# Got one star for professionalism



## Hamada (Nov 29, 2016)

I got one star for professionalism because I picked the rider and she said I was at the wrong address but I was not able to park because the street parking is full and I cannot stop in the street for long time that will block traffic, she said she did not care and she slammed the door when entering exiting the vehicle. When I dropped her at location she said I did not stop properly near the walkway to the entrance of the building when in fact I did. I reported to uber and they said they will not match that rider again. I hope that will lead to deactivation of her account.


----------



## wingdog (Nov 6, 2017)

I will drive by once, if their is no parking I will circle the block (on the customers wait time dime) looking for parking. I'll drive slower past the pax but will only stop in a legit parking spot. its up to them to come to me downtown, they aren't idiots & know how traffic works. If they don't come to me I collect the $5 'pax is an idiot' fee and move on. The pax that make you come to them and stop illegally aren't worth it, they will demand even more of you and one star you anyways. If they can't find you, they can't rate you. use it as a pax IQ test.


----------



## Jo3030 (Jan 2, 2016)

Seems unfair.


----------



## MadTownUberD (Mar 11, 2017)

I am so torn on this because Monday I picked a guy up at a bus stop far away from downtown after he quickly approached the vehicle (I had to pass him to pull into the parking lot where I wanted to pick him up). I told him I'm not supposed to pick people up at that spot, but let's make it quick (which he did). We were not blocking a lane of traffic and nothing bad happened.

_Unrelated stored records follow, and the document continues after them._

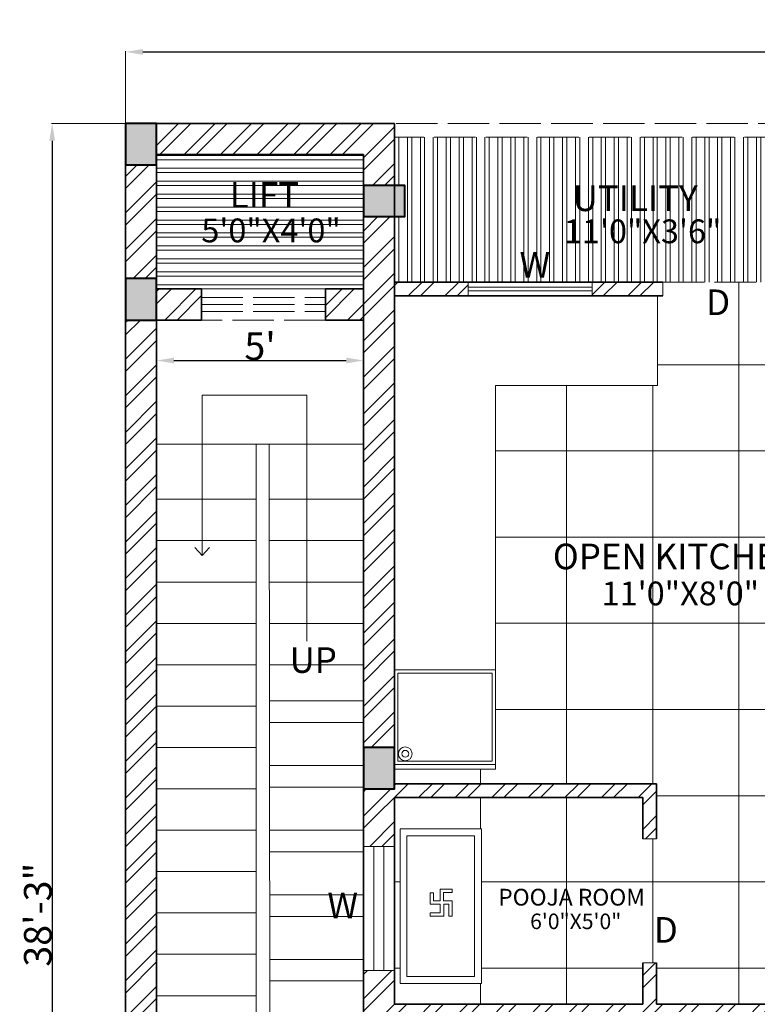
# Model space of a CAD drawing. Units: inches. Extents: x 351 to 1738, y -265 to 286.
# Tile 2 of 38: x 351 to 565, y 0 to 286. Entities that reach past the tile are written whole.
import ezdxf

# ---------------------------------------------------------------- set-up
doc = ezdxf.new("R2010")
doc.units = ezdxf.units.IN
doc.header["$MEASUREMENT"] = 0
doc.linetypes.add('ACAD_ISO02W100', pattern=[15, 12, -3])
for name, color, linetype, lineweight in [('A-ANNO-DIMS', 2, 'Continuous', 18), ('A-ANNO-SYMB', 7, 'Continuous', 18), ('A-AREA-IDEN', 7, 'Continuous', 18), ('A-COLS', 7, 'Continuous', 40), ('A-COLS-PATT', 6, 'Continuous', 13), ('A-DOOR', 3, 'Continuous', 18), ('A-DOOR-OVHD', 3, 'ACAD_ISO02W100', 13), ('A-FLOR-CASE', 9, 'Continuous', 18), ('A-FLOR-EVTR', 242, 'ACAD_ISO02W100', 18), ('A-FLOR-EVTR-PATT', 9, 'Continuous', 9), ('A-FLOR-FIXT', 9, 'Continuous', 18), ('A-FLOR-OVHD', 1, 'ACAD_ISO02W100', 18), ('A-FLOR-PATT', 9, 'Continuous', 9), ('A-FLOR-STRS', 7, 'Continuous', 18), ('A-GLAZ', 4, 'Continuous', 18), ('A-WALL', 7, 'Continuous', 35), ('A-WALL-PATT', 152, 'Continuous', 13)]:
    doc.layers.add(name, color=color, linetype=linetype, lineweight=lineweight)
doc.styles.add('Annotative', font='arial.ttf')
doc.styles.get("Standard").update_dxf_attribs({"font": 'arial.ttf'})
doc.dimstyles.get("Standard").update_dxf_attribs({"dimtxt": 8, "dimasz": 5, "dimexe": 0.18, "dimexo": 0.0625, "dimgap": 0.09, "dimtad": 1, "dimtoh": 1, "dimzin": 0, "dimdsep": 46, "dimlunit": 4, "dimtxsty": 'Standard', "dimcen": 0, "dimclre": 256, "dimadec": 0, "dimazin": 0, "dimtfac": 1, "dimtofl": 0, "dimtmove": 0, "dimatfit": 3, "dimfxl": 1, "dimtolj": 1, "dimtzin": 0, "dimlwe": -1, "dimarcsym": 0})

# ---------------------------------------------------------------- blocks, each defined once
blk = doc.blocks.new('*D2')
at = {"layer": 'A-ANNO-DIMS', "color": 0, "transparency": 16777216}
for p, q in [((382.16, 256.03), (382.16, 276.92)), ((914.16, 256.03), (914.16, 276.92))]:
    blk.add_line(p, q, dxfattribs=at)
at = {"layer": 'A-ANNO-DIMS', "color": 0, "lineweight": -2, "transparency": 16777216}
blk.add_line((387.16, 276.74), (909.16, 276.74), dxfattribs=at)
at = {"layer": 'A-ANNO-DIMS', "color": 0, "transparency": 16777216}
for points in [[(387.16, 277.57), (387.16, 275.91), (382.16, 276.74)], [(909.16, 277.57), (909.16, 275.91), (914.16, 276.74)]]:
    blk.add_solid(points, dxfattribs=at)
at = {"layer": 'Defpoints', "color": 0, "transparency": 16777216}
for p in [(914.16, 276.74), (382.16, 255.96), (914.16, 255.96)]:
    blk.add_point(p, dxfattribs=at)
at = {"layer": 'A-ANNO-DIMS', "color": 0, "transparency": 16777216, "insert": (648.16, 280.83), "char_height": 8, "attachment_point": 5}
blk.add_mtext('\\A1;44\'-4"', dxfattribs=at)
blk = doc.blocks.new('*D3')
at = {"layer": 'A-ANNO-DIMS', "color": 0, "transparency": 16777216}
for p, q in [((382.09, 255.96), (360.67, 255.96)), ((382.09, -203.04), (360.67, -203.04))]:
    blk.add_line(p, q, dxfattribs=at)
at = {"layer": 'A-ANNO-DIMS', "color": 0, "lineweight": -2, "transparency": 16777216}
blk.add_line((360.85, 250.96), (360.85, -198.04), dxfattribs=at)
at = {"layer": 'A-ANNO-DIMS', "color": 0, "transparency": 16777216}
for points in [[(360.02, 250.96), (361.69, 250.96), (360.85, 255.96)], [(360.02, -198.04), (361.69, -198.04), (360.85, -203.04)]]:
    blk.add_solid(points, dxfattribs=at)
at = {"layer": 'Defpoints', "color": 0, "transparency": 16777216}
for p in [(382.16, 255.96), (360.85, -203.04), (382.16, -203.04)]:
    blk.add_point(p, dxfattribs=at)
at = {"layer": 'A-ANNO-DIMS', "color": 0, "transparency": 16777216, "insert": (356.68, 26.46), "char_height": 8, "attachment_point": 5, "rotation": 90}
blk.add_mtext('\\A1;38\'-3"', dxfattribs=at)
blk = doc.blocks.new('*D6')
at = {"layer": 'A-ANNO-DIMS', "color": 0, "transparency": 16777216}
for p, q in [((391.16, 198.9), (391.16, 187.03)), ((451.16, 198.9), (451.16, 187.03))]:
    blk.add_line(p, q, dxfattribs=at)
at = {"layer": 'A-ANNO-DIMS', "color": 0, "lineweight": -2, "transparency": 16777216}
blk.add_line((396.16, 187.21), (446.16, 187.21), dxfattribs=at)
at = {"layer": 'A-ANNO-DIMS', "color": 0, "transparency": 16777216}
for points in [[(396.16, 188.04), (396.16, 186.37), (391.16, 187.21)], [(446.16, 188.04), (446.16, 186.37), (451.16, 187.21)]]:
    blk.add_solid(points, dxfattribs=at)
at = {"layer": 'Defpoints', "color": 0, "transparency": 16777216}
for p in [(391.16, 198.96), (451.16, 198.96), (451.16, 187.21)]:
    blk.add_point(p, dxfattribs=at)
at = {"layer": 'A-ANNO-DIMS', "color": 0, "transparency": 16777216, "insert": (421.16, 191.36), "char_height": 8, "attachment_point": 5}
blk.add_mtext("\\A1;5'", dxfattribs=at)
blk = doc.blocks.new('COL-9x12')
blk.add_lwpolyline([(0, 12), (0, 0), (9, 0), (9, 12)], close=True)
blk = doc.blocks.new('WIN-36-STAIR')
for p, q in [((3.02, 0), (3.02, 36)), ((5.92, 0), (5.92, 36))]:
    blk.add_line(p, q)
blk.add_lwpolyline([(0, 0), (0, 36), (9, 36), (9, 0)], close=True)
blk = doc.blocks.new('LIFT-DOOR-36')
for p, q in [((0, 9), (36, 9)), ((0, 6.5), (36, 6.5)), ((0, 4.5), (36, 4.5)), ((0, 2.5), (36, 2.5)), ((36, 0), (0, 0))]:
    blk.add_line(p, q)

msp = doc.modelspace()

# ---------------------------------------------------------------- hatches: boundary and pattern name
at = {"layer": 'A-COLS-PATT'}
h = msp.add_hatch(color=256, dxfattribs=at)
h.dxf.hatch_style = 1
h.paths.add_polyline_path([(460.155, 237.963), (451.155, 237.963), (451.155, 228.963), (460.155, 228.963)])
h.paths.add_polyline_path([(463.155, 237.963), (460.155, 237.963), (460.155, 228.963), (463.155, 228.963)])
h.paths.add_polyline_path([(391.155, 255.963), (382.155, 255.963), (382.155, 243.963), (391.155, 243.963)])
h.paths.add_polyline_path([(391.155, 210.963), (382.155, 210.963), (382.155, 198.963), (391.155, 198.963)])
h.paths.add_polyline_path([(391.155, -45.037), (382.155, -45.037), (382.155, -57.037), (391.155, -57.037)])
h.paths.add_polyline_path([(460.155, -45.037), (451.155, -45.037), (451.155, -57.037), (460.155, -57.037)])
h.paths.add_polyline_path([(460.155, -161.037), (451.155, -161.037), (451.155, -164.037), (451.155, -173.037), (460.155, -173.037)])
h.paths.add_polyline_path([(391.155, -161.037), (382.155, -161.037), (382.155, -173.037), (391.155, -173.037)])
h.paths.add_polyline_path([(596, -164.037), (584, -164.037), (584, -173.037), (596, -173.037)])
h.paths.add_polyline_path([(596, -50), (584, -50), (584, -59), (596, -59)])
h.paths.add_polyline_path([(596.155, 73.463), (592.155, 73.463), (592.155, 64.463), (596.155, 64.463)])
h.paths.add_polyline_path([(592.155, 73.463), (584.155, 73.463), (584.155, 64.463), (592.155, 64.463)])
h.paths.add_polyline_path([(596.155, 237.963), (584.155, 237.963), (584.155, 228.963), (596.155, 228.963)])
h.paths.add_polyline_path([(739.655, 237.963), (727.655, 237.963), (727.655, 228.963), (739.655, 228.963)])
h.paths.add_polyline_path([(883.515, 237.963), (871.515, 237.963), (871.515, 228.963), (883.515, 228.963)])
h.paths.add_polyline_path([(883.515, 73.463), (871.515, 73.463), (871.515, 64.463), (883.515, 64.463)])
h.paths.add_polyline_path([(731.655, 73.463), (727.655, 73.463), (727.655, 64.463), (731.655, 64.463)])
h.paths.add_polyline_path([(739.515, 73.463), (731.655, 73.463), (731.655, 64.463), (739.515, 64.463)])
h.paths.add_polyline_path([(883.515, -53.037), (871.515, -53.037), (871.515, -57.037), (883.515, -57.037)])
h.paths.add_polyline_path([(883.515, -48.037), (871.515, -48.037), (871.515, -53.037), (883.515, -53.037)])
h.paths.add_polyline_path([(739.515, -48.037), (727.515, -48.037), (727.515, -56.5), (727.516, -57.037), (739.515, -57.037)])
h.paths.add_polyline_path([(883.515, -164.037), (871.515, -164.037), (871.515, -173.037), (883.515, -173.037)])
h = msp.add_hatch(color=256, dxfattribs=at)
h.dxf.hatch_style = 1
h.paths.add_polyline_path([(460.155, 74.963), (451.155, 74.963), (451.155, 62.963), (460.155, 62.963)])
at = {"layer": 'A-FLOR-EVTR-PATT', "transparency": 33554559}
h = msp.add_hatch(dxfattribs=at)
h.set_pattern_fill('ANSI32', color=256, scale=10, angle=135)
h.set_pattern_definition([(180, (391.1553, 207.9627), (-2e-16, -3.75), []), (180, (389.9053, 209.2127), (-2e-16, -3.75), [])])
h.paths.add_polyline_path([(451.155, 246.963), (391.155, 246.963), (391.155, 243.963), (391.155, 207.963), (404.155, 207.963), (440.155, 207.963), (451.155, 207.963)])
at = {"layer": 'A-FLOR-PATT', "transparency": 33554559}
h = msp.add_hatch(dxfattribs=at)
h.set_pattern_fill('ANSI32', color=256, scale=10, angle=45)
h.set_pattern_definition([(90, (460.1553, 209.9627), (-3.75, 0), []), (90, (461.4053, 211.2127), (-3.75, 0), [])])
h.paths.add_polyline_path([(584.155, 237.963), (588.655, 237.963), (588.655, 251.963), (460.155, 251.963), (460.155, 237.963), (463.155, 237.963), (463.155, 228.963), (460.155, 228.963), (460.155, 209.963), (538, 209.963), (574, 209.963), (592.155, 209.963), (592.155, 228.963), (584.155, 228.963)])
h = msp.add_hatch(dxfattribs=at)
h.set_pattern_fill('ANSI37', color=256, scale=200, angle=45)
h.set_pattern_definition([(90, (460.077, -164.037), (-25, 0), []), (180, (460.077, -164.037), (-4e-15, -25), [])])
h.paths.add_polyline_path([(727.516, -57.037), (727.515, -57.037), (727.515, -56.5), (727.5, -45), (727.5, -3.5), (727.501, -2.537), (725.797, -2.537), (725.797, -3.037), (721.988, -3.037), (721.988, -2.537), (717.916, -2.537), (717.916, -3.037), (714.106, -3.037), (714.106, -2.537), (710.487, -2.537), (710.487, -3.037), (706.677, -3.037), (706.677, -2.537), (702.965, -2.537), (702.965, -3.037), (699.155, -3.037), (699.155, -2.537), (694.965, -2.537), (694.965, -3.037), (691.155, -3.037), (691.155, -2.537), (679.655, -2.537), (678.797, -2.537), (677.776, -2.537), (676.723, -2.537), (652.655, -2.537), (651.799, -2.537), (650.778, -2.537), (649.725, -2.537), (625.877, -2.537), (624.879, -2.537), (623.857, -2.537), (622.804, -2.537), (596.155, -2.537), (596.155, -3.537), (460.155, -3.537), (460.155, -81.037), (460.077, -99.07), (460.077, -133.967), (460.155, -152.037), (460.155, -164.037), (485.277, -164.037), (545.277, -164.037), (727.655, -164.037)])
h.paths.add_polyline_path([(584, -59), (584, -50), (596, -50), (596, -59)], flags=16)
h.paths.add_polyline_path([(905.155, 204.963), (731.655, 204.963), (731.655, 73.463), (739.515, 73.463), (739.515, 64.463), (731.655, 64.463), (731.655, -3.5), (727.655, -3.5), (727.655, -3.537), (727.5, -45), (731.655, -45), (731.655, -48.037), (739.515, -48.037), (739.515, -53.037), (754, -53.037), (754, -57.037), (748.655, -57.037), (748.655, -147.037), (815.655, -147.037), (815.655, -138.5), (819.655, -138.5), (819.655, -102.5), (815.655, -102.5), (815.655, -57.037), (790, -57.037), (790, -53.037), (871.515, -53.037), (871.515, -48.037), (883.515, -48.037), (883.515, -53.037), (905.155, -53.037)])
h.paths.add_polyline_path([(871.515, 64.463), (871.515, 73.463), (883.515, 73.463), (883.515, 64.463)], flags=16)
h.paths.add_polyline_path([(727.655, 64.463), (685.515, 64.463), (685.515, 186.963), (638.155, 186.963), (638.155, 88.463), (596.155, 88.463), (596.155, 64.463), (584.155, 64.463), (584.155, 73.463), (592.155, 73.463), (592.155, 205.963), (574, 205.963), (574, 209.963), (538, 209.963), (538, 205.963), (536.5, 205.963), (536.5, 180), (489.5, 180), (489.5, 68.655), (460.155, 68.655), (460.155, 64.463), (536.155, 64.463), (536.155, 48.463), (532.155, 48.463), (532.155, 60.463), (460.155, 60.463), (460.155, 0.463), (532.155, 0.463), (532.155, 12.463), (536.155, 12.463), (536.155, 0.463), (596.155, 0.463), (596.155, -0.537), (622.655, -0.537), (623.655, -0.537), (624.655, -0.537), (625.655, -0.537), (649.655, -0.537), (650.576, -0.537), (651.576, -0.537), (652.576, -0.537), (676.655, -0.537), (677.574, -0.537), (678.574, -0.537), (679.574, -0.537), (691.155, -0.537), (691.155, -0.037), (694.965, -0.037), (694.965, -0.537), (699.155, -0.537), (699.155, -0.037), (702.965, -0.037), (702.965, -0.537), (706.677, -0.537), (706.677, -0.037), (710.487, -0.037), (710.487, -0.537), (714.106, -0.537), (714.106, -0.037), (717.916, -0.037), (717.916, -0.537), (721.988, -0.537), (721.988, -0.037), (725.797, -0.037), (725.797, -0.537), (727.655, -0.537)])
h.paths.add_polyline_path([(485.401, 6.538), (461.783, 6.538), (461.783, 51.327), (485.401, 51.327)], flags=16)
h.paths.add_polyline_path([(483.401, 8.538), (463.783, 8.538), (463.783, 49.327), (483.401, 49.327)], flags=0)
h.paths.add_polyline_path([(476.907, 30.5), (476.907, 29.5), (476.907, 26), (475.907, 26), (475.907, 29.5), (474.449, 29.5), (474.449, 26), (473.449, 26), (470.5, 26), (470.5, 27), (473.449, 27), (473.449, 29.5), (470.5, 29.5), (470.5, 32.758), (471.5, 32.758), (471.5, 30.5), (473.407, 30.5), (473.407, 32.897), (473.407, 33.897), (476.907, 33.897), (476.907, 32.897), (474.407, 32.897), (474.407, 30.5)], flags=0)
h = msp.add_hatch(dxfattribs=at)
h.set_pattern_fill('ANSI32', color=256, scale=50, angle=135)
h.set_pattern_definition([(180, (386.155, -199.037), (-2e-15, -18.75), []), (180, (379.905, -192.787), (-2e-15, -18.75), [])])
h.paths.add_polyline_path([(451.234, -133.967), (460.077, -133.967), (460.077, -99.07), (451.234, -99.07), (451.155, -81.037), (451.155, 98.963), (423.885, 98.963), (424, -81.037), (419, -81.037), (391.155, -81.037), (386.155, -81.037), (386.155, -161.037), (391.155, -161.037), (391.155, -173.037), (386.155, -173.037), (386.155, -199.037), (910.155, -199.037), (910.155, -173.037), (545.277, -173.037), (545.277, -164.037), (485.277, -164.037), (485.277, -173.037), (451.155, -173.037), (451.155, -161.037), (451.155, -152.037)])
at = {"layer": 'A-WALL-PATT'}
h = msp.add_hatch(dxfattribs=at)
h.set_pattern_fill('ANSI32', color=256, scale=20)
h.set_pattern_definition([(45, (382.155, -173.037), (-5.3033, 5.3033), []), (45, (385.691, -173.037), (-5.3033, 5.3033), [])])
h.paths.add_polyline_path([(391.155, -57.037), (382.155, -57.037), (382.155, -81.037), (391.155, -81.037)])
h.paths.add_polyline_path([(391.155, 198.963), (382.155, 198.963), (382.155, -45.037), (391.155, -45.037)])
h.paths.add_polyline_path([(391.155, 243.963), (382.155, 243.963), (382.155, 237.963), (382.155, 210.963), (391.155, 210.963)])
h.paths.add_polyline_path([(460.155, 255.963), (391.155, 255.963), (391.155, 246.963), (451.155, 246.963), (451.155, 237.963), (460.155, 237.963), (460.155, 251.963)])
h.paths.add_polyline_path([(404.155, 207.963), (391.155, 207.963), (391.155, 198.963), (404.155, 198.963)])
h.paths.add_polyline_path([(451.155, 207.963), (440.155, 207.963), (440.155, 198.963), (451.155, 198.963)])
h.paths.add_polyline_path([(460.155, 228.963), (451.155, 228.963), (451.155, 74.963), (460.155, 74.963), (460.155, 97.5)])
h.paths.add_polyline_path([(460.155, 60.463), (532.155, 60.463), (532.155, 48.463), (536.155, 48.463), (536.155, 64.463), (460.155, 64.463), (460.155, 62.963), (451.155, 62.963), (451.155, 46.258), (460.155, 46.258)])
h.paths.add_polyline_path([(460.155, -3.537), (596.155, -3.537), (596.155, 0.463), (536.155, 0.463), (536.155, 12.463), (532.155, 12.463), (532.155, 0.463), (460.155, 0.463), (460.155, 10.258), (451.155, 10.258), (451.155, -45.037), (460.155, -45.037)])
h.paths.add_polyline_path([(460.155, -57.037), (451.155, -57.037), (451.155, -81.037), (460.155, -81.037)])
h.paths.add_polyline_path([(460.155, -152.037), (451.155, -152.037), (451.155, -161.037), (460.155, -161.037)])
h.paths.add_polyline_path([(485.277, -164.037), (460.155, -164.037), (460.155, -164.5), (460.155, -173.037), (485.277, -173.037)])
h.paths.add_polyline_path([(584, -164.037), (545.277, -164.037), (545.277, -173.037), (584, -173.037)])
h.paths.add_polyline_path([(631.58, -164.037), (596, -164.037), (596, -173.037), (631.58, -173.037)])
h.paths.add_polyline_path([(871.515, -164.037), (819.655, -164.037), (819.655, -138.5), (815.655, -138.5), (815.655, -164.037), (691.58, -164.037), (691.58, -173.037), (871.515, -173.037)])
h.paths.add_polyline_path([(731.655, -57.037), (727.516, -57.037), (727.655, -164.037), (731.655, -164.037)])
h.paths.add_polyline_path([(914.155, -138), (905.155, -138), (905.155, -164.037), (883.515, -164.037), (883.515, -173.037), (914.155, -173.037)])
h.paths.add_polyline_path([(914.155, -30.189), (905.155, -30.189), (905.155, -53.037), (883.515, -53.037), (883.515, -57.037), (905.155, -57.037), (905.155, -102), (914.155, -102)])
h.paths.add_polyline_path([(871.515, -53.037), (790, -53.037), (790, -57.037), (815.655, -57.037), (815.655, -102.5), (819.655, -102.5), (819.655, -57.037), (871.515, -57.037)])
h.paths.add_polyline_path([(914.155, 120.993), (905.155, 120.993), (905.155, 29.811), (914.155, 29.811)])
h.paths.add_polyline_path([(731.655, 64.463), (727.655, 64.463), (727.655, -3.5), (731.655, -3.5)])
h.paths.add_polyline_path([(481.5, 209.963), (460.155, 209.963), (460.155, 205.963), (481.5, 205.963)])
h.paths.add_polyline_path([(538, 209.963), (517.5, 209.963), (517.5, 205.963), (538, 205.963)])
h.paths.add_polyline_path([(592.155, 209.963), (574, 209.963), (574, 205.963), (592.155, 205.963)])
h.paths.add_polyline_path([(596.155, 228.963), (592.155, 228.963), (592.155, 73.463), (596.155, 73.463)])
h.paths.add_polyline_path([(614, 237.963), (596.155, 237.963), (596.155, 228.963), (614, 228.963)])
h.paths.add_polyline_path([(677, 237.963), (650, 237.963), (650, 228.963), (677, 228.963)])
h.paths.add_polyline_path([(727.655, 237.963), (713, 237.963), (713, 228.963), (727.655, 228.963)])
h.paths.add_polyline_path([(871.515, 237.963), (739.655, 237.963), (739.655, 228.963), (871.515, 228.963)])
h.paths.add_polyline_path([(731.655, 228.963), (727.655, 228.963), (727.655, 73.463), (731.655, 73.463)])
h.paths.add_polyline_path([(914.155, 237.963), (883.515, 237.963), (883.515, 228.963), (905.155, 228.963), (905.155, 180.993), (914.155, 180.993)])

# ---------------------------------------------------------------- linework, layer by layer
at = {"layer": 'A-ANNO-SYMB'}
for points in [[(434.684, 105.774), (434.684, 177.128), (404.353, 177.128), (404.353, 130.616)], [(402.248, 133.018), (404.353, 130.616), (406.457, 133.018)]]:
    msp.add_lwpolyline(points, dxfattribs=at)
at = {"layer": 'A-DOOR'}
for p, q in [((538, 209.963), (538, 205.963)), ((536.155, 48.463), (532.155, 48.463)), ((536.155, 12.463), (532.155, 12.463))]:
    msp.add_line(p, q, dxfattribs=at)
at = {"layer": 'A-DOOR-OVHD'}
msp.add_line((538, 209.963), (574, 209.963), dxfattribs=at)
at = {"layer": 'A-FLOR-CASE'}
for p, q in [((536.5, 180), (536.5, 205.963)), ((489.5, 68.655), (489.5, 180)), ((489.5, 180), (536.5, 180)), ((460.155, 68.655), (489.5, 68.655))]:
    msp.add_line(p, q, dxfattribs=at)
for points in [[(461.783, 6.538), (485.401, 6.538), (485.401, 51.327), (461.783, 51.327)], [(463.783, 8.538), (483.401, 8.538), (483.401, 49.327), (463.783, 49.327)], [(475.907, 26), (476.907, 26), (476.907, 30.5), (474.407, 30.5), (474.407, 32.897), (476.907, 32.897), (476.907, 33.897), (473.407, 33.897), (473.407, 30.5), (471.5, 30.5), (471.5, 32.758), (470.5, 32.758), (470.5, 29.5), (473.449, 29.5), (473.449, 27), (470.5, 27), (470.5, 26), (474.449, 26), (474.449, 29.5), (475.907, 29.5)]]:
    msp.add_lwpolyline(points, close=True, dxfattribs=at)
at = {"layer": 'A-FLOR-FIXT'}
for points in [[(460.155, 70), (489.5, 70), (489.5, 97.5), (460.155, 97.5)], [(461.155, 71), (488.5, 71), (488.5, 96.5), (461.155, 96.5)]]:
    msp.add_lwpolyline(points, close=True, dxfattribs=at)
for radius in [2, 1]:
    msp.add_circle((463.272, 73.125), radius, dxfattribs=at)
at = {"layer": 'A-FLOR-OVHD'}
for p, q in [((592.655, 255.963), (460.155, 255.963)), ((588.655, 251.963), (460.155, 251.963)), ((588.655, 251.963), (460.155, 251.963))]:
    msp.add_line(p, q, dxfattribs=at)
at = {"layer": 'A-FLOR-STRS'}
for p, q in [((391.155, 162.963), (451.155, 162.963)), ((420, -81.037), (420, 162.963)), ((423.845, 162.963), (424, -81.037)), ((391.155, 146.963), (420, 146.963)), ((423.855, 146.963), (451.155, 146.963)), ((391.155, 134.963), (420, 134.963)), ((423.863, 134.963), (451.155, 134.963)), ((391.155, 122.963), (420, 122.963)), ((423.87, 122.963), (451.155, 122.963)), ((391.155, 110.963), (420, 110.963)), ((423.878, 110.963), (451.155, 110.963)), ((391.155, 98.963), (420, 98.963)), ((423.885, 98.963), (451.155, 98.963)), ((391.155, 86.963), (420, 86.963)), ((391.155, 74.963), (420, 74.963)), ((391.155, 62.963), (420, 62.963)), ((391.155, 50.963), (420, 50.963)), ((391.155, 38.963), (420, 38.963)), ((391.155, 26.963), (420, 26.963)), ((391.155, 14.963), (420, 14.963)), ((391.155, 2.963), (420, 2.963))]:
    msp.add_line(p, q, dxfattribs=at)
at = {"layer": 'A-GLAZ'}
for p, q in [((481.5, 208.463), (517.5, 208.463)), ((481.5, 207.463), (517.5, 207.463))]:
    msp.add_line(p, q, dxfattribs=at)
msp.add_lwpolyline([(517.5, 205.963), (517.5, 209.963), (481.5, 209.963), (481.5, 205.963)], close=True, dxfattribs=at)
at = {"layer": 'A-WALL'}
for p, q in [((382.155, 255.963), (382.155, 237.963)), ((460.155, 255.963), (382.155, 255.963)), ((382.155, 255.963), (382.155, -81.037)), ((391.155, 255.963), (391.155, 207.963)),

It was cold outside and I hated to make him stand out in the cold. I later took him to his car in the airport parking deck (after he said the terminal was fine), he gave me a $10 bill, and I jumped his car. And didn't pay for the parking deck since it was less than 15 minutes. If I would have canceled I would have turned down a nice trip and a $10 tip.

But yes, blocking a lane of traffic is bad/dangerous. If they can't understand that and show ANY attitude then cancel and move on.


----------



## Julescase (Mar 29, 2017)

This makes me want to run over the pax, back and forth and back and forth, until they look like a pancake. The ones that walk into the middle of traffic trying to get in my car as I'm slowly driving by while looking for a parking area, or the ones who expect me to stop in lanes in the middle of a busy street to drop them off EXACTLY in front of their destination despite having cars right behind me.

I hate them so very much.


----------



## hollowhollow (Aug 2, 2017)

Julescase said:


> This makes me want to run over the pax, back and forth and back and forth, until they look like a pancake. The ones that walk into the middle of traffic trying to get in my car as I'm slowly driving by while looking for a parking area, or the ones who expect me to stop in lanes in the middle of a busy street to drop them off EXACTLY in front of their destination despite having cars right behind me.
> 
> I hate them so very much.


lmao, yup.


----------



## Hono driver (Dec 15, 2017)

I just got my first 2 star cause a drunk lady lost her keys and blamed me for stealing them. Crazy. Went from 4.89 to 4.81. Effing bítch


----------



## Mars Troll Number 4 (Oct 30, 2015)

Hamada said:


> I got one star for professionalism because I picked the rider and she said I was at the wrong address but I was not able to park because the street parking is full and I cannot stop in the street for long time that will block traffic, she said she did not care and she slammed the door when entering exiting the vehicle. When I dropped her at location she said I did not stop properly near the walkway to the entrance of the building when in fact I did. I reported to uber and they said they will not match that rider again. I hope that will lead to deactivation of her account.


Here's what you do...

Next time you get someone who is pissed off and just got in, or is about to...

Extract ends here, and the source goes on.